Probably most medical men would treat this individual’s case as one of what it is fashionable now to call by the name of “self-suggestion,” or “expectant attention”–as if those phrases were explanatory, or meant more than the fact that certain men can be influenced, while others cannot be influenced, by certain sorts of ideas. This leads me to say a word about ideas considered as dynamogenic agents, or stimuli for unlocking what would otherwise be unused reservoirs of individual power.
One thing that ideas do is to contradict other ideas and keep us from believing them. An idea that thus negates a first idea may itself in turn be negated by a third idea, and the first idea may thus regain its natural influence over our belief and determine our behavior. Our philosophic and religious development proceeds thus by credulities, negations, and the negating of negations.

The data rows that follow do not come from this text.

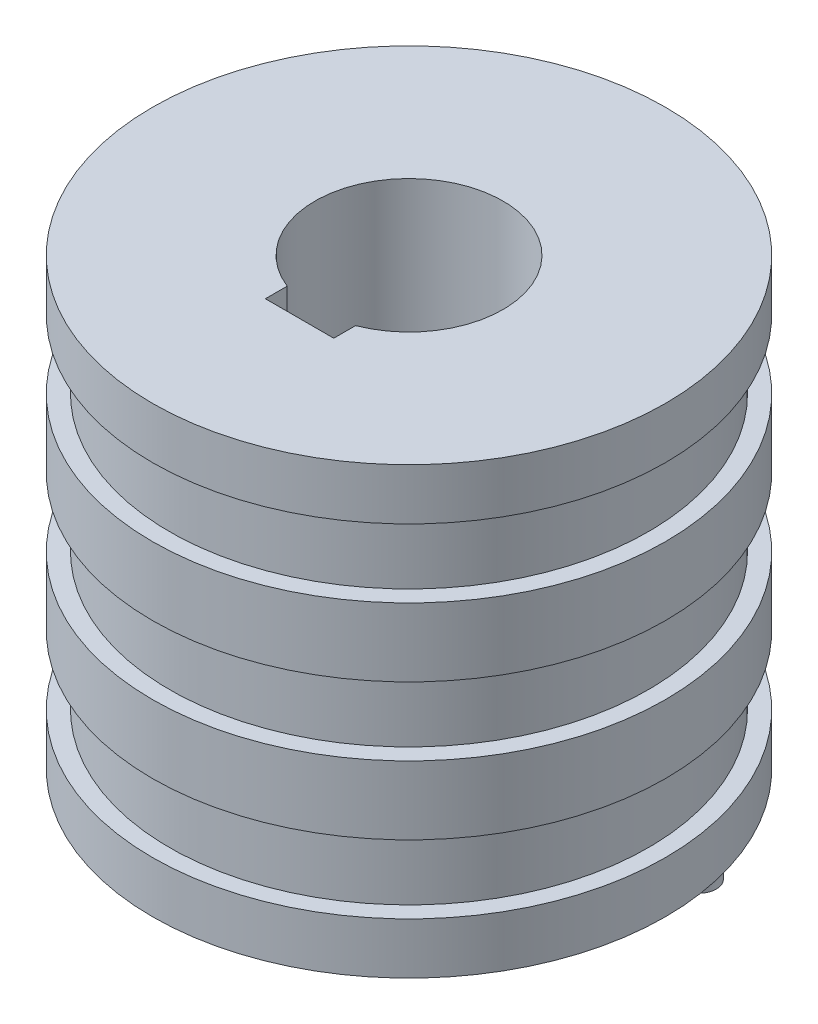
from build123d import *

# Parameters (mm, degrees)
SKETCH3_R           = 27.5
SKETCH3_W           = 20
SKETCH3_H           = 9
CUT_EXTRUDE1_DEPTH  = 130
SKETCH4_R           = 5
BOSS_EXTRUDE3_DEPTH = 28


with BuildPart() as part:
    # Sketch 1 → Revolve1 (revolve)
    with BuildSketch(Plane.XY, mode=Mode.PRIVATE) as revolve1_sk:
        Polygon((70, 75), (75, 75), (75, 95), (70, 95), (70, 115), (75, 115), (75, 130), (0, 130), (0, 0), (75, 0), (75, 15), (70, 15), (70, 35), (75, 35), (75, 55), (70, 55), align=None)
    revolve(revolve1_sk.sketch.rotate(Axis((0, 0, 0), (0, 1, 0)), 90), axis=Axis((0, 0, 0), (0, 1, 0)))

    # Sketch3 → Cut-Extrude1 (cut)
    with BuildSketch(Plane(origin=(0, 130, 0), x_dir=(1, 0, 0), z_dir=(0, 1, 0))):
        Circle(SKETCH3_R)
        with Locations((0, -27.5)):
            Rectangle(SKETCH3_W, SKETCH3_H)
    extrude(amount=-CUT_EXTRUDE1_DEPTH, mode=Mode.SUBTRACT)

    # Sketch4 → Boss-Extrude3 (add)
    with BuildSketch(Plane.XZ):
        with Locations(Location((0, -60, 0), (0, 0, 270))):
            Circle(SKETCH4_R)
        with Locations(Location((42.425, -42.427813696, 0), (0, 0, 270))):
            Circle(SKETCH4_R)
        with Locations(Location((-42.425, -42.427813696, 0), (0, 0, 270))):
            Circle(SKETCH4_R)
    extrude(amount=BOSS_EXTRUDE3_DEPTH)


solid = part.part

But whether for arousing or for stopping belief, ideas may fail to be efficacious, just as a wire, at one time alive with electricity, may at another time be dead. Here our insight into causes fails us, and we can only note results in general terms. In general, whether a given idea shall be a live idea depends more on the person into whose mind it is injected than on the idea itself. Which is the suggestive idea for this person, and which for that one? Mr. Fletcher’s disciples regenerate themselves by the idea (and the fact) that they are chewing, and re-chewing, and super-chewing their food. Dr. Dewey’s pupils regenerate themselves by going without their breakfast–a fact, but also an ascetic idea. Not every one can use these ideas with the same success.